私とウィリアム様を眺めてブライトさんがにっこりと微笑む。そして邪魔をしないようにと工房へ向かおうとする。しかし何を思ったか、ウィリアム様が私の首元から顔を上げるとご機嫌良さそうにブライトさんへと顔を向けた。
「ブライト、お前にも世話になっているからついてこないか?」
「え・・・・エスプリにですか?」
「ああ。たまには休暇を取ればいい。オルも連れて行っていいから」
「ですが・・・・・」
「金なら気にしないでいいよ」
遠出をするなら気の知れた仲間がいたほうがいい、そうウィリアム様が思ったようでブライトさんへと伝える。その提案に申し訳なさそうに呟いたブライトさんだったけれど、ご厚意に甘えることにしたのか胸に手をあててウィリアム様にお辞儀をした。
「・・・・それでは、お言葉に甘えさせていただきます」
「オルにも伝えてくれるか、しばらく私と口を聞いてくれないだろうから」
「ふふ、・・・・はい。ラーク様の話だと三日後には出発するんですよね?」
「そうみたいだね。ジェニファー、屋敷に戻ったらラーク殿に詳細を聞いてくれるかな」
どんどん話が進んでいく状況に私がきょとんとする。
だけどブライトさんやオルトゥー君と一緒に旅行に行けるならそれはきっと楽しいと思う。
仲間とまた旅に出られるんだ。
そう思ったら嬉しくなった。フォーさんの家に行く時のような気分だ。きっと仲間がいれば、この旅はもっとずっと楽しいものになる。
私は自然と笑みを零す。その恥じらってなかなか咲かない花が花弁を開いたような笑顔に、ウィリアム様とブライトさんも優しい目を向ける。

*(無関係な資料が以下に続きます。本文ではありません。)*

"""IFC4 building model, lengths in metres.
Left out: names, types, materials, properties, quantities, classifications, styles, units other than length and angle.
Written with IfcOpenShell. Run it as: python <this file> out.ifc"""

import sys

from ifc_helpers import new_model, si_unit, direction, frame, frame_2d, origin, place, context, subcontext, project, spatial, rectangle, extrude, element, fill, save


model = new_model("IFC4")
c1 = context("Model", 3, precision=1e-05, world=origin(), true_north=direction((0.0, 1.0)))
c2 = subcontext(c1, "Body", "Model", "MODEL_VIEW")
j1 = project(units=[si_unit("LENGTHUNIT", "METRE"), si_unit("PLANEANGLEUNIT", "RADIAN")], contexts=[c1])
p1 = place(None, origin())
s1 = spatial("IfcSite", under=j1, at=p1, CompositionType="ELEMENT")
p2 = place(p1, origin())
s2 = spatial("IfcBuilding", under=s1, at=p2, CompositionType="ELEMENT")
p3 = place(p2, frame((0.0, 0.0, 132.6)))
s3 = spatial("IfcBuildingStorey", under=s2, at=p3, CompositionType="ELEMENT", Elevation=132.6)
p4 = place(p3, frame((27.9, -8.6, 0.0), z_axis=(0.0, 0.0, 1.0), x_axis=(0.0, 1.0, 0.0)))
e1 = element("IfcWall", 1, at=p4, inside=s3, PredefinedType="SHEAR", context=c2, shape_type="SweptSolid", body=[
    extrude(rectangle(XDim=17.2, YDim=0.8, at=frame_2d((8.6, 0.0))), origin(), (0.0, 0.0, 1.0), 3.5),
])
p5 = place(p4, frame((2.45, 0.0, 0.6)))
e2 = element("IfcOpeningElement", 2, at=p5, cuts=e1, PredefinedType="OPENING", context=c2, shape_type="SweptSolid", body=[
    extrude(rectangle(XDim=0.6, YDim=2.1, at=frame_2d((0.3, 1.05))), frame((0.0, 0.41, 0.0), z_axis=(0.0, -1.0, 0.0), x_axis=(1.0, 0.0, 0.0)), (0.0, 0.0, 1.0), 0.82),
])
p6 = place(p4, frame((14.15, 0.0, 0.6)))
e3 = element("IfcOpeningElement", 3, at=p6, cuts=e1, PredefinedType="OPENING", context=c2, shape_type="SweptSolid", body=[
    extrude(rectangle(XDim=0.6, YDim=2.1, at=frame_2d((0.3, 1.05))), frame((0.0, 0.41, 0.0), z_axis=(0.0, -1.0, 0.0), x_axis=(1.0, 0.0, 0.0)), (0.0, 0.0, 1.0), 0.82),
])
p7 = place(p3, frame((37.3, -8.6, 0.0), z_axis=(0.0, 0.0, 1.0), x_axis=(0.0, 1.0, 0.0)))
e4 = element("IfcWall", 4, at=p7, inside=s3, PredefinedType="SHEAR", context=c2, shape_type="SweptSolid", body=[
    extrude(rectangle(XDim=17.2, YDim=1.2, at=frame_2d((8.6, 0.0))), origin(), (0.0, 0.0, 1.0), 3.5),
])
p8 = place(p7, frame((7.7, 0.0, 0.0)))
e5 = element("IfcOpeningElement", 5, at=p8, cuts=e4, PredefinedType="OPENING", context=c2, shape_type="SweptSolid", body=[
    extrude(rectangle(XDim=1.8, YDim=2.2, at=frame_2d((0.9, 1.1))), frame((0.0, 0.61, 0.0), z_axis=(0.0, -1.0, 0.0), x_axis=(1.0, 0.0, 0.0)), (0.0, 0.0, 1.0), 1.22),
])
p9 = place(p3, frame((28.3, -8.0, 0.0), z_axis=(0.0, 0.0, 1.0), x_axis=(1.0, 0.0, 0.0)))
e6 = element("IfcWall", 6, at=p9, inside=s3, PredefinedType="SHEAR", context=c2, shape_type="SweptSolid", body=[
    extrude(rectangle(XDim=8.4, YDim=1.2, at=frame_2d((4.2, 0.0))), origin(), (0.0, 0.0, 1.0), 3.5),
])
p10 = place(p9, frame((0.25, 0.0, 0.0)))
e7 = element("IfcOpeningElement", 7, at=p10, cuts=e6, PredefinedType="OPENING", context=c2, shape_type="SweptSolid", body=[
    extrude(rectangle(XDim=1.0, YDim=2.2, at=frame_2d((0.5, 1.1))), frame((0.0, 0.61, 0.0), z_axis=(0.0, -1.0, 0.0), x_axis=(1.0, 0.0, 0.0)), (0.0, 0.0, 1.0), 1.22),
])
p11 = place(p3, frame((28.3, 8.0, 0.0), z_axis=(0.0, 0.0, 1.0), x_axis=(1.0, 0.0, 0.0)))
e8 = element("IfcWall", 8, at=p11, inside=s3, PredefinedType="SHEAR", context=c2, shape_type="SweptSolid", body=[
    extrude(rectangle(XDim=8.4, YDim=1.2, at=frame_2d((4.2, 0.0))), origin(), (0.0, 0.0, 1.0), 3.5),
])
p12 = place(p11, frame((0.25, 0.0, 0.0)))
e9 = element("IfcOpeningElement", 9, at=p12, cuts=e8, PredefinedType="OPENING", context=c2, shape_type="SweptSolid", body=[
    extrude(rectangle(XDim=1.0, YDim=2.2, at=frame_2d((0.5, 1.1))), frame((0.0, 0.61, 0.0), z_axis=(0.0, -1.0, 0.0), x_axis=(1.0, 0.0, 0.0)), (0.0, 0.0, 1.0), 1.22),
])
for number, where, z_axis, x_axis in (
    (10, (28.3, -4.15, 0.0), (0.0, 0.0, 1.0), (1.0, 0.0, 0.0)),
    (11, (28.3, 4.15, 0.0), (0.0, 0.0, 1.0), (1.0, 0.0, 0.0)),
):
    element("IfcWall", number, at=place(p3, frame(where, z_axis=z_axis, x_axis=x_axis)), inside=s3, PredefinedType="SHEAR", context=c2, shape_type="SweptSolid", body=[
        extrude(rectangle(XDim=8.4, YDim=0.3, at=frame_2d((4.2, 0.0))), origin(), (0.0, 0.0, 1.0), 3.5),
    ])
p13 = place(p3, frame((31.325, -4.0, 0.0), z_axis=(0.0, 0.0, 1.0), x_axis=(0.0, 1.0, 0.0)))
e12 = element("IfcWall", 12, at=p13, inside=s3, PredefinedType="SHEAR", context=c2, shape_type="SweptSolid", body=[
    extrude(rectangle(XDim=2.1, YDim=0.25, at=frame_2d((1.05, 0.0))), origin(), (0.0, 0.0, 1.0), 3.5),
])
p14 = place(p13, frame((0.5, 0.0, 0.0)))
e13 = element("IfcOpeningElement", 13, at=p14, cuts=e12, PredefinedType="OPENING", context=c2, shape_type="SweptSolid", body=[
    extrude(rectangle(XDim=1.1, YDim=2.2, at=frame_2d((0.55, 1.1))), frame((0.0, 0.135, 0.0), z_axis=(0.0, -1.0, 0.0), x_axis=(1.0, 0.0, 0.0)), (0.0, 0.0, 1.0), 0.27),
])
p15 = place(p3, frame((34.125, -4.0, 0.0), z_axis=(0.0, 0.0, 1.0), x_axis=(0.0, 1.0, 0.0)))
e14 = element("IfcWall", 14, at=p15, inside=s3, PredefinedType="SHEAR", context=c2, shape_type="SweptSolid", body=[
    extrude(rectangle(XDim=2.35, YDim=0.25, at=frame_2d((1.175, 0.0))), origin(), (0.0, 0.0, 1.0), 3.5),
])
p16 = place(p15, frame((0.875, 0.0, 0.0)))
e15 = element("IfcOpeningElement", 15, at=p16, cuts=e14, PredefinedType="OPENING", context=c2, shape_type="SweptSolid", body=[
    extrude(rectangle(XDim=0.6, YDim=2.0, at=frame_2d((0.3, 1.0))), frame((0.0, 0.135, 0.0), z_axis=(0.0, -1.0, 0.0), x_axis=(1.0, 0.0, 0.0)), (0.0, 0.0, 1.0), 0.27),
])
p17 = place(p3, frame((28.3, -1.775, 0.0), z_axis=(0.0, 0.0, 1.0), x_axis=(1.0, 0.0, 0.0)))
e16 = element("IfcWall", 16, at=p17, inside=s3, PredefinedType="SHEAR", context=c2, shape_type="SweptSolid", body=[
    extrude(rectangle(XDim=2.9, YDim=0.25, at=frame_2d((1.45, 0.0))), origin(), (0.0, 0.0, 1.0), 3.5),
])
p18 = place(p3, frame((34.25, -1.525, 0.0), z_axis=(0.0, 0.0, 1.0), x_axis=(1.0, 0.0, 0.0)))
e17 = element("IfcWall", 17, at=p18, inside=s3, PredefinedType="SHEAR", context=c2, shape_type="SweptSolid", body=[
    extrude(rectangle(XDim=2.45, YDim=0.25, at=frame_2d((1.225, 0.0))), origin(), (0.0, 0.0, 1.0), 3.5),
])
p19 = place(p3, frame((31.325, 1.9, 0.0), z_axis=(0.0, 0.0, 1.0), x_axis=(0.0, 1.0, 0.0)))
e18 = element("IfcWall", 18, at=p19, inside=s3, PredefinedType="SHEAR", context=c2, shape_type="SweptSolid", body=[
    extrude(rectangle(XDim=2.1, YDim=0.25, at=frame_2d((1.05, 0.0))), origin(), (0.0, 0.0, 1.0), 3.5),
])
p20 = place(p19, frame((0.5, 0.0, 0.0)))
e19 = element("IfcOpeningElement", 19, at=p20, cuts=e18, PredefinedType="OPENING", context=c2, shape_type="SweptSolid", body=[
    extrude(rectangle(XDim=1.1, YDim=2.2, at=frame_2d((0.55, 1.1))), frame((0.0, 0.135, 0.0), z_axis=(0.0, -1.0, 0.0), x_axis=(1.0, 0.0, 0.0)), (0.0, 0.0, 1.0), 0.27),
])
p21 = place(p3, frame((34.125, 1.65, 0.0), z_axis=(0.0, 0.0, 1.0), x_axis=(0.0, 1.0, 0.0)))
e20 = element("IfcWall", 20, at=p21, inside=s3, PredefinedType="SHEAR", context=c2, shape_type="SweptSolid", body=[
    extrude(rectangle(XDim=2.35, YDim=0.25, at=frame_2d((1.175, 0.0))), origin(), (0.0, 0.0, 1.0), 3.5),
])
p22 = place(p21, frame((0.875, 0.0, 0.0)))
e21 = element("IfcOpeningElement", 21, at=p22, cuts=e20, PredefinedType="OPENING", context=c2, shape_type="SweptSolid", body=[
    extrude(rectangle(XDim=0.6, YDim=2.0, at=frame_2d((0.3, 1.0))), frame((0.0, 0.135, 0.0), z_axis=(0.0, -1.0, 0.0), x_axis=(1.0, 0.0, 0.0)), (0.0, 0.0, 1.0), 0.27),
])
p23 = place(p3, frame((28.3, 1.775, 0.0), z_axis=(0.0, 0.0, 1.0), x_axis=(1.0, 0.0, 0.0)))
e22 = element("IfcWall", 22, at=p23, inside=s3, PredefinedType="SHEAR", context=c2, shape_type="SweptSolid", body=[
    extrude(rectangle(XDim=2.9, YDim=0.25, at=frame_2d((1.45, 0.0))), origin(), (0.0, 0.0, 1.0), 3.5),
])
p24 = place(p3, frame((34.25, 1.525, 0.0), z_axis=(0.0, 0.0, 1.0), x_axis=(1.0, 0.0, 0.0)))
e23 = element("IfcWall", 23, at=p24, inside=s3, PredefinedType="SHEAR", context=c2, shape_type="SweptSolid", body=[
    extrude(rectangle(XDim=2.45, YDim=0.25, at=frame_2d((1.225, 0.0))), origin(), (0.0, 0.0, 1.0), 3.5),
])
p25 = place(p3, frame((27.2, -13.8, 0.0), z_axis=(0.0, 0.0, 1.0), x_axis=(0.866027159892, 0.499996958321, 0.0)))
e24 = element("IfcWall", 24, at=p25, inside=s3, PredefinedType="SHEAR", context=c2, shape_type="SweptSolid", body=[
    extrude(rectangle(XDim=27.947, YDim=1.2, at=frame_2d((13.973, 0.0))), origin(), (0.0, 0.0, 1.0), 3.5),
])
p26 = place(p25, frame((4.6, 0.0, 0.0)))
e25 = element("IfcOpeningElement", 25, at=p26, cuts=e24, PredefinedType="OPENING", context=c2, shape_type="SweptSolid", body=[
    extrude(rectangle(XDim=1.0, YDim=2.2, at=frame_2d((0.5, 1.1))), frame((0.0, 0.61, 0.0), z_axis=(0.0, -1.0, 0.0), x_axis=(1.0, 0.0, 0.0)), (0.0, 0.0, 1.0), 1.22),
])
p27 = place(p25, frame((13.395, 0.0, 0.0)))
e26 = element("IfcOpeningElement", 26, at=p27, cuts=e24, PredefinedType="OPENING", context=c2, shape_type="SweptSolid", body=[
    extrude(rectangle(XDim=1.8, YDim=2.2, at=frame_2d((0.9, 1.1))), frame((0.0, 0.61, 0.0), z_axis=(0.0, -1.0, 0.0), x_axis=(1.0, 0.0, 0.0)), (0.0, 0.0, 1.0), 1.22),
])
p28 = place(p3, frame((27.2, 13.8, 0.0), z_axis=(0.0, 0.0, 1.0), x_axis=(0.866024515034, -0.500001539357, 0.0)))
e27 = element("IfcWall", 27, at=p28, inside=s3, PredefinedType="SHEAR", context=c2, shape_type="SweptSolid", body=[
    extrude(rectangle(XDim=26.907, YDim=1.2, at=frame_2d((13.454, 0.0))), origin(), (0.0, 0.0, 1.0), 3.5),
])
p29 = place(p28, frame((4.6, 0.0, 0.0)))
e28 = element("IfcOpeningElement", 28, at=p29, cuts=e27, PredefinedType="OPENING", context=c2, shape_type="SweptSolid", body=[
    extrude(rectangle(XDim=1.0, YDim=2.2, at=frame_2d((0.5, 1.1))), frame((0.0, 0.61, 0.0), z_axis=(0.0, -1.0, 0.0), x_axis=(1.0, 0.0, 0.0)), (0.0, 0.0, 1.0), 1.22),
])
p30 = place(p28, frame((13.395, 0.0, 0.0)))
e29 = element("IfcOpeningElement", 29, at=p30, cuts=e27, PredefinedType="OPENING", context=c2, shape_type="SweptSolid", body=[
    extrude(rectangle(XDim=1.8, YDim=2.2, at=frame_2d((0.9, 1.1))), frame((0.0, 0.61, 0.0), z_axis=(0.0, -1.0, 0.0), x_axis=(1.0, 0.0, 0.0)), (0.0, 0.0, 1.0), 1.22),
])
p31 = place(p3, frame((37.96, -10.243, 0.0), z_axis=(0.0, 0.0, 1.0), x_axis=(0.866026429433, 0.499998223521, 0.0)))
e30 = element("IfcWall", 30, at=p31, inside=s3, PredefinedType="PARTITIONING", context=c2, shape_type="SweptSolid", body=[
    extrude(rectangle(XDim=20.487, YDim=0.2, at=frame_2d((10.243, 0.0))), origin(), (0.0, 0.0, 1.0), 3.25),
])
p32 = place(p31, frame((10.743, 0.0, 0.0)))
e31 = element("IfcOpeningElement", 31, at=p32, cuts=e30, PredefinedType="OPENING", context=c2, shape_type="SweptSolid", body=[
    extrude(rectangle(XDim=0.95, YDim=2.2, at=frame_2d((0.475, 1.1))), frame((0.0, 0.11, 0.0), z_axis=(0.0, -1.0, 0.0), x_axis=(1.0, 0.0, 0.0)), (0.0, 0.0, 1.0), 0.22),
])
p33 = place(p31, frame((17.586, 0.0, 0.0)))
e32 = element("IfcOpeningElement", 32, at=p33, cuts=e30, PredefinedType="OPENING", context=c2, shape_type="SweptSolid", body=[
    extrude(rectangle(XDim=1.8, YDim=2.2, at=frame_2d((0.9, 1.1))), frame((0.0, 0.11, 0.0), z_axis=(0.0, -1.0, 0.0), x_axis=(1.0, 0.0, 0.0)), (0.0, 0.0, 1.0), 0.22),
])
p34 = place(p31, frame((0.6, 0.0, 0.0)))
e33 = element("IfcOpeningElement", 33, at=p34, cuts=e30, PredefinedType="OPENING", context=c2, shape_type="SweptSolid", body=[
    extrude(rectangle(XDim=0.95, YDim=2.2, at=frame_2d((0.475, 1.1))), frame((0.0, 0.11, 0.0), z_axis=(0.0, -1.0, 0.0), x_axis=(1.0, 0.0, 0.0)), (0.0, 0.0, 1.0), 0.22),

「は、はい・・・・あの、ケイトも連れて行って良いでしょうか」
「もちろんだよ、あの子ほど君の世話ができる人はいないだろうから」
「ありがとうございます・・・・屋敷に戻ったらケイトに伝えてみます」
「うん。・・・・ふふ・・・・楽しみだね?」
ウィリアム様こそ楽しみにしていそうな表情で言う。なので私はこくこくと頷く。
それから私たちはエスプリに着いてからのスケジュールを考える。もちろん兄からの依頼なのでしっかりと姫に勉強を教えるが、それ以外にも時間はあるはずだからその時間を使って皆で遊びに行こうとなった。
三日後か。楽しみだな。
まだその目で見ぬ地に足を踏み入れる。それはすごく貴重な経験だと思う。
私はぼんやりとブライトさんのお店から街の外を眺める。その表情を見ていたウィリアム様も、優雅にティーカップを口に運ぶと目を細めた。